Are we missing a read memory barrier here? The receiver uses a wmb() before
setting wait_head->acked = 1, but the polling loop lacks a corresponding rmb()
after observing the flag. The CPU could reorder the reads, causing this code
to read stale values for ack_data_len or ack_err.

Also, is it possible for this polling loop to self-deadlock? The loop holds
txq_lock while calling nbl_chan_clean_queue(), which processes incoming
messages. If an incoming message requires an ACK, its handler will call
nbl_chan_send_ack(), which eventually calls nbl_chan_send_msg() again and
will attempt to reacquire the non-recursive txq_lock.

[ ... ]

> +static int nbl_chan_send_ack(struct nbl_channel_mgt *chan_mgt,
> +			     struct nbl_chan_ack_info *chan_ack)
> +{
> +	u32 len = NBL_CHAN_ACK_HEAD_LEN * sizeof(u32) + chan_ack->data_len;

Does this calculation have an integer overflow issue? A sufficiently large
chan_ack->data_len could cause len to wrap around, leading to a tiny heap
allocation. The subsequent memcpy() would then write past the end of the buffer.

[ ... ]

> +int nbl_chan_init_common(struct nbl_adapter *adap)
> +{
[ ... ]
> +	chan_ops_tbl = nbl_chan_setup_ops(dev, chan_mgt);
> +	if (IS_ERR(chan_ops_tbl)) {
> +		ret = PTR_ERR(chan_ops_tbl);
> +		goto exit;
> +	}
> +	adap->intf.channel_ops_tbl = chan_ops_tbl;
> +
> +	return 0;
> +
> +exit:
> +	if (chan_mgt) {
> +		nbl_chan_remove_msg_handler(chan_mgt);
> +		 adap->core.chan_mgt = NULL;
> +	}

Will this cause a panic if nbl_chan_setup_chan_mgt() returns an ERR_PTR?
The condition if (chan_mgt) will evaluate to true for an error pointer, and
nbl_chan_remove_msg_handler() will dereference it. A check like
!IS_ERR_OR_NULL(chan_mgt) might be safer here.
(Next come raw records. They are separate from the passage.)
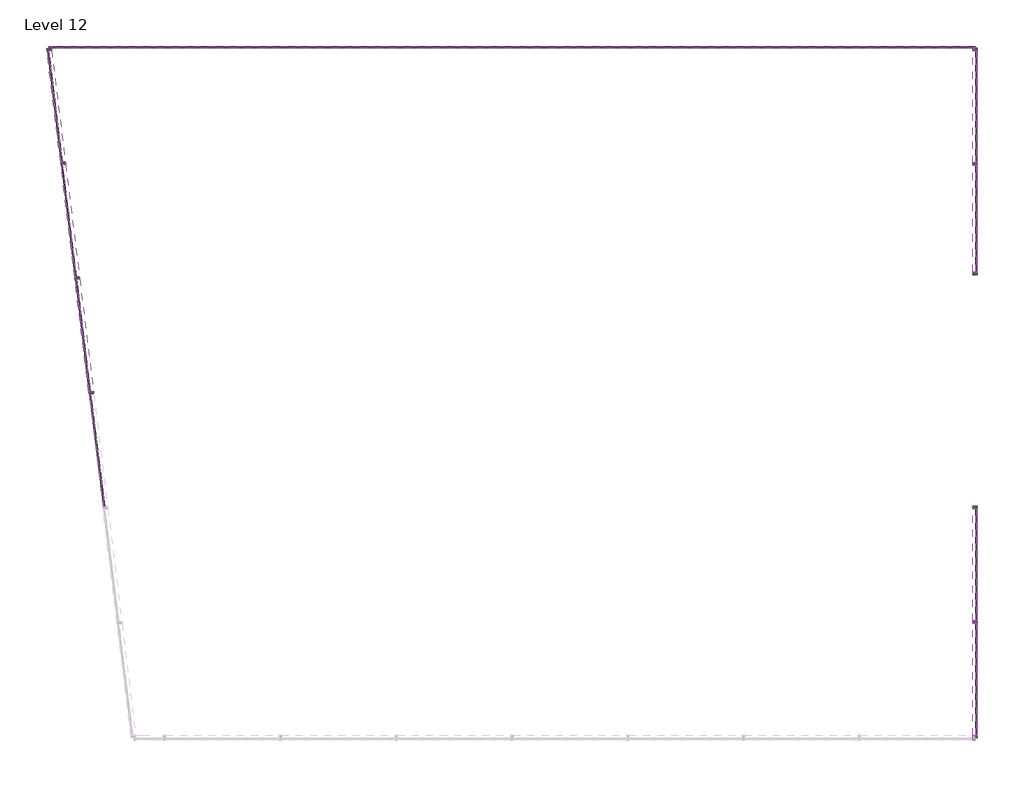
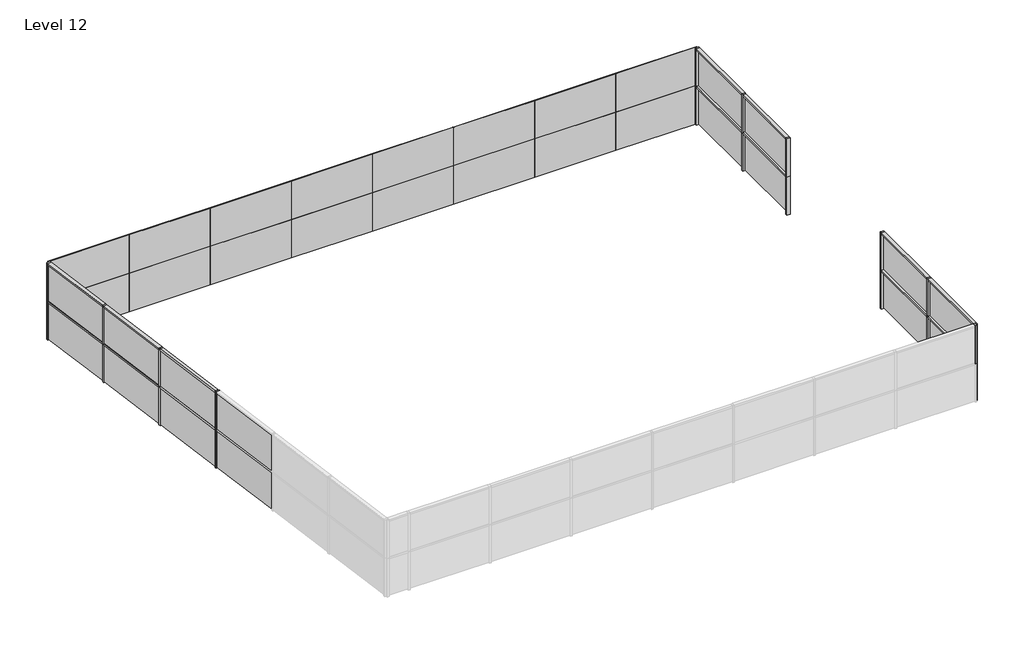
# One storey, part 2 of 2: 35 members, 32 plates.
"""IFC4 building model written with IfcOpenShell, lengths in millimetres."""

from ifc_helpers import new_model, si_unit, origin, place, context, project, spatial, transform, mapped, element, save
from components import member_daa7a266, member_82905deb, member_19d0a4ec, member_8cef0660, member_db480205, member_4491d118, member_46bdb8c2, member_1b94d493, system_panel_glazed_1e57f9bb, system_panel_glazed_37f15d2e, system_panel_glazed_3620f98e, system_panel_glazed_e46d4b42, system_panel_glazed_2a6c68b7, system_panel_glazed_7fb1fc2b, system_panel_glazed_d483336f

model = new_model("IFC4")

# Units and contexts
model_context = context("Model", 3, world=origin())
ifc_project = project(units=[si_unit("LENGTHUNIT", "METRE", prefix="MILLI")], contexts=[model_context])

# Site, building, storey
site = spatial("IfcSite", under=ifc_project)
building = spatial("IfcBuilding", under=site)
storey = spatial("IfcBuildingStorey", under=building, Name="Level 12", Elevation=33528.0)

# Members
placement = place(None, origin())
member_shape = member_daa7a266(model_context)
element("IfcMember", 1, ObjectType="Rectangular Mullion : 2.5\" x 5\" rectangular", at=placement, inside=storey, context=model_context, shape_type="MappedRepresentation", body=[
    mapped(member_shape, transform((-10113.8959567, 8178.7803212, 36576.0), x_axis=(0.0, 0.0, 1.0), y_axis=(-0.9925461516413222, -0.12186934340514613, 0.0), z_axis=(0.12186934340514613, -0.9925461516413222, 0.0))),
])
element("IfcMember", 2, ObjectType="Rectangular Mullion : 2.5\" x 5\" rectangular", at=placement, inside=storey, context=model_context, shape_type="MappedRepresentation", body=[
    mapped(member_shape, transform((13902.5156363, -946.6363705, 36576.0), x_axis=(0.0, 0.0, 1.0), y_axis=(1.0, 0.0, 0.0), z_axis=(0.0, 1.0, 0.0))),
])
element("IfcMember", 3, ObjectType="Rectangular Mullion : 2.5\" x 5\" rectangular", at=placement, inside=storey, context=model_context, shape_type="MappedRepresentation", body=[
    mapped(member_shape, transform((13902.5156363, -3962.8863708, 36576.0), x_axis=(0.0, 0.0, 1.0), y_axis=(1.0, 0.0, 0.0), z_axis=(0.0, 1.0, 0.0))),
])
element("IfcMember", 4, ObjectType="Rectangular Mullion : 2.5\" x 5\" rectangular", at=placement, inside=storey, context=model_context, shape_type="MappedRepresentation", body=[
    mapped(member_shape, transform((13902.5156363, 11109.0476508, 36576.0), x_axis=(0.0, 0.0, 1.0), y_axis=(1.0, 0.0, 0.0), z_axis=(0.0, 1.0, 0.0))),
])
member_2_shape = member_82905deb(model_context)
element("IfcMember", 5, ObjectType="Rectangular Mullion : 2.5\" x 5\" rectangular", at=placement, inside=storey, context=model_context, shape_type="MappedRepresentation", body=[
    mapped(member_2_shape, transform((-9367.1110876, 2096.7056405, 36576.0), x_axis=(-0.1218693434051459, 0.9925461516413222, 0.0), y_axis=(-0.9925461516413222, -0.1218693434051459, 0.0), z_axis=(0.0, 0.0, 1.0))),
])
element("IfcMember", 6, ObjectType="Rectangular Mullion : 2.5\" x 5\" rectangular", at=placement, inside=storey, context=model_context, shape_type="MappedRepresentation", body=[
    mapped(member_2_shape, transform((-9738.5688463, 5121.9863107, 36576.0), x_axis=(-0.1218693434051459, 0.9925461516413222, 0.0), y_axis=(-0.9925461516413222, -0.1218693434051459, 0.0), z_axis=(0.0, 0.0, 1.0))),
])
element("IfcMember", 7, ObjectType="Rectangular Mullion : 2.5\" x 5\" rectangular", at=placement, inside=storey, context=model_context, shape_type="MappedRepresentation", body=[
    mapped(member_2_shape, transform((-10110.026605, 8147.2669809, 36576.0), x_axis=(-0.1218693434051459, 0.9925461516413222, 0.0), y_axis=(-0.9925461516413222, -0.1218693434051459, 0.0), z_axis=(0.0, 0.0, 1.0))),
])
element("IfcMember", 8, ObjectType="Rectangular Mullion : 2.5\" x 5\" rectangular", at=placement, inside=storey, context=model_context, shape_type="MappedRepresentation", body=[
    mapped(member_2_shape, transform((13902.5156363, -3931.1363708, 36576.0), x_axis=(0.0, -1.0, 0.0), y_axis=(1.0, 0.0, 0.0), z_axis=(0.0, 0.0, 1.0))),
])
element("IfcMember", 9, ObjectType="Rectangular Mullion : 2.5\" x 5\" rectangular", at=placement, inside=storey, context=model_context, shape_type="MappedRepresentation", body=[
    mapped(member_2_shape, transform((13902.5156363, 8124.5476505, 36576.0), x_axis=(0.0, -1.0, 0.0), y_axis=(1.0, 0.0, 0.0), z_axis=(0.0, 0.0, 1.0))),
])
member_3_shape = member_19d0a4ec(model_context)
element("IfcMember", 10, ObjectType="Rectangular Mullion : 2.5\" x 5\" rectangular", at=placement, inside=storey, context=model_context, shape_type="MappedRepresentation", body=[
    mapped(member_3_shape, transform((-10113.8959567, 8178.7803212, 35052.0), x_axis=(0.0, 0.0, 1.0), y_axis=(-0.9925461516413222, -0.12186934340514599, 0.0), z_axis=(0.12186934340514599, -0.9925461516413222, 0.0))),
])
element("IfcMember", 11, ObjectType="Rectangular Mullion : 2.5\" x 5\" rectangular", at=placement, inside=storey, context=model_context, shape_type="MappedRepresentation", body=[
    mapped(member_3_shape, transform((13902.5156363, -946.6363705, 35052.0), x_axis=(0.0, 0.0, 1.0), y_axis=(1.0, 0.0, 0.0), z_axis=(0.0, 1.0, 0.0))),
])
element("IfcMember", 12, ObjectType="Rectangular Mullion : 2.5\" x 5\" rectangular", at=placement, inside=storey, context=model_context, shape_type="MappedRepresentation", body=[
    mapped(member_3_shape, transform((13902.5156363, -3962.8863708, 35052.0), x_axis=(0.0, 0.0, 1.0), y_axis=(1.0, 0.0, 0.0), z_axis=(0.0, 1.0, 0.0))),
])
element("IfcMember", 13, ObjectType="Rectangular Mullion : 2.5\" x 5\" rectangular", at=placement, inside=storey, context=model_context, shape_type="MappedRepresentation", body=[
    mapped(member_3_shape, transform((13902.5156363, 11109.0476508, 35052.0), x_axis=(0.0, 0.0, 1.0), y_axis=(1.0, 0.0, 0.0), z_axis=(0.0, 1.0, 0.0))),
])
member_4_shape = member_8cef0660(model_context)
element("IfcMember", 14, ObjectType="Rectangular Mullion : 2.5\" x 5\" rectangular", at=placement, inside=storey, context=model_context, shape_type="MappedRepresentation", body=[
    mapped(member_4_shape, transform((-9370.9804393, 2128.2189808, 35052.0), x_axis=(0.0, 0.0, 1.0), y_axis=(-0.9925461516413222, -0.12186934340514602, 0.0), z_axis=(0.12186934340514602, -0.9925461516413222, 0.0))),
])
element("IfcMember", 15, ObjectType="Rectangular Mullion : 2.5\" x 5\" rectangular", at=placement, inside=storey, context=model_context, shape_type="MappedRepresentation", body=[
    mapped(member_4_shape, transform((-9742.438198, 5153.499651, 35052.0), x_axis=(0.0, 0.0, 1.0), y_axis=(-0.9925461516413222, -0.12186934340514602, 0.0), z_axis=(0.12186934340514602, -0.9925461516413222, 0.0))),
])
member_5_shape = member_db480205(model_context)
element("IfcMember", 16, ObjectType="Rectangular Mullion : 2.5\" x 5\" rectangular", at=placement, inside=storey, context=model_context, shape_type="MappedRepresentation", body=[
    mapped(member_5_shape, transform((-9370.9804393, 2128.2189808, 36576.0), x_axis=(0.0, 0.0, 1.0), y_axis=(-0.9925461516413223, -0.12186934340514563, 0.0), z_axis=(0.12186934340514562, -0.9925461516413222, 0.0))),
])
element("IfcMember", 17, ObjectType="Rectangular Mullion : 2.5\" x 5\" rectangular", at=placement, inside=storey, context=model_context, shape_type="MappedRepresentation", body=[
    mapped(member_5_shape, transform((-9742.438198, 5153.499651, 36576.0), x_axis=(0.0, 0.0, 1.0), y_axis=(-0.9925461516413222, -0.1218693434051461, 0.0), z_axis=(0.1218693434051461, -0.9925461516413222, 0.0))),
])
element("IfcMember", 18, ObjectType="Rectangular Mullion : 2.5\" x 5\" rectangular", at=placement, inside=storey, context=model_context, shape_type="MappedRepresentation", body=[
    mapped(member_2_shape, transform((-9367.1110876, 2096.7056405, 35052.0), x_axis=(-0.1218693434051459, 0.9925461516413222, 0.0), y_axis=(-0.9925461516413222, -0.1218693434051459, 0.0), z_axis=(0.0, 0.0, 1.0))),
])
element("IfcMember", 19, ObjectType="Rectangular Mullion : 2.5\" x 5\" rectangular", at=placement, inside=storey, context=model_context, shape_type="MappedRepresentation", body=[
    mapped(member_2_shape, transform((-9738.5688463, 5121.9863107, 35052.0), x_axis=(-0.1218693434051459, 0.9925461516413222, 0.0), y_axis=(-0.9925461516413222, -0.1218693434051459, 0.0), z_axis=(0.0, 0.0, 1.0))),
])
element("IfcMember", 20, ObjectType="Rectangular Mullion : 2.5\" x 5\" rectangular", at=placement, inside=storey, context=model_context, shape_type="MappedRepresentation", body=[
    mapped(member_2_shape, transform((-10110.026605, 8147.2669809, 35052.0), x_axis=(-0.1218693434051459, 0.9925461516413222, 0.0), y_axis=(-0.9925461516413222, -0.1218693434051459, 0.0), z_axis=(0.0, 0.0, 1.0))),
])
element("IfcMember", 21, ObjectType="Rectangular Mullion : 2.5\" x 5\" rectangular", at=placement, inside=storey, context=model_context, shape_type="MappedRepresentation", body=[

> diff --git a/drivers/net/ethernet/nebula-matrix/nbl/nbl_common/nbl_common.c b/drivers/net/ethernet/nebula-matrix/nbl/nbl_common/nbl_common.c
> new file mode 100644
> index 0000000000000..79c1d5f5aacf9
> --- /dev/null
> +++ b/drivers/net/ethernet/nebula-matrix/nbl/nbl_common/nbl_common.c

[ ... ]

> +void nbl_common_destroy_wq(void)
> +{
> +	destroy_workqueue(wq_mgt->ctrl_dev_wq);
> +	kfree(wq_mgt);
> +	wq_mgt = NULL;
> +}

Is it possible that wq_mgt is NULL here? If nbl_common_create_wq() fails to
allocate the workqueue, it frees wq_mgt and sets it to NULL. A subsequent
cleanup call to nbl_common_destroy_wq() would unconditionally dereference it.

[ ... ]

> +int nbl_common_alloc_hash_node(struct nbl_hash_tbl_mgt *tbl_mgt, void *key,
> +			       void *data, void **out_data)
> +{
[ ... ]
> +	hash_val = nbl_common_calc_hash_key(key, key_size,
> +					    tbl_mgt->tbl_key.bucket_size);
> +
> +	hlist_add_head(&hash_node->node, tbl_mgt->hash + hash_val);
> +	tbl_mgt->node_num++;
> +	if (out_data)
> +		*out_data = hash_node->data;
> +
> +	return 0;

[ ... ]

> +void *nbl_common_get_hash_node(struct nbl_hash_tbl_mgt *tbl_mgt, void *key)
> +{
[ ... ]
> +	hlist_for_each_entry(hash_node, head, node)
> +		if (!memcmp(hash_node->key, key, key_size)) {
> +			data = hash_node->data;
> +			break;
> +		}
> +
> +	return data;
> +}

Is there a synchronization issue with this hash table implementation? The
code modifies and traverses the hlist without any locking or RCU protection.
Concurrent message registration and reception could corrupt the linked list.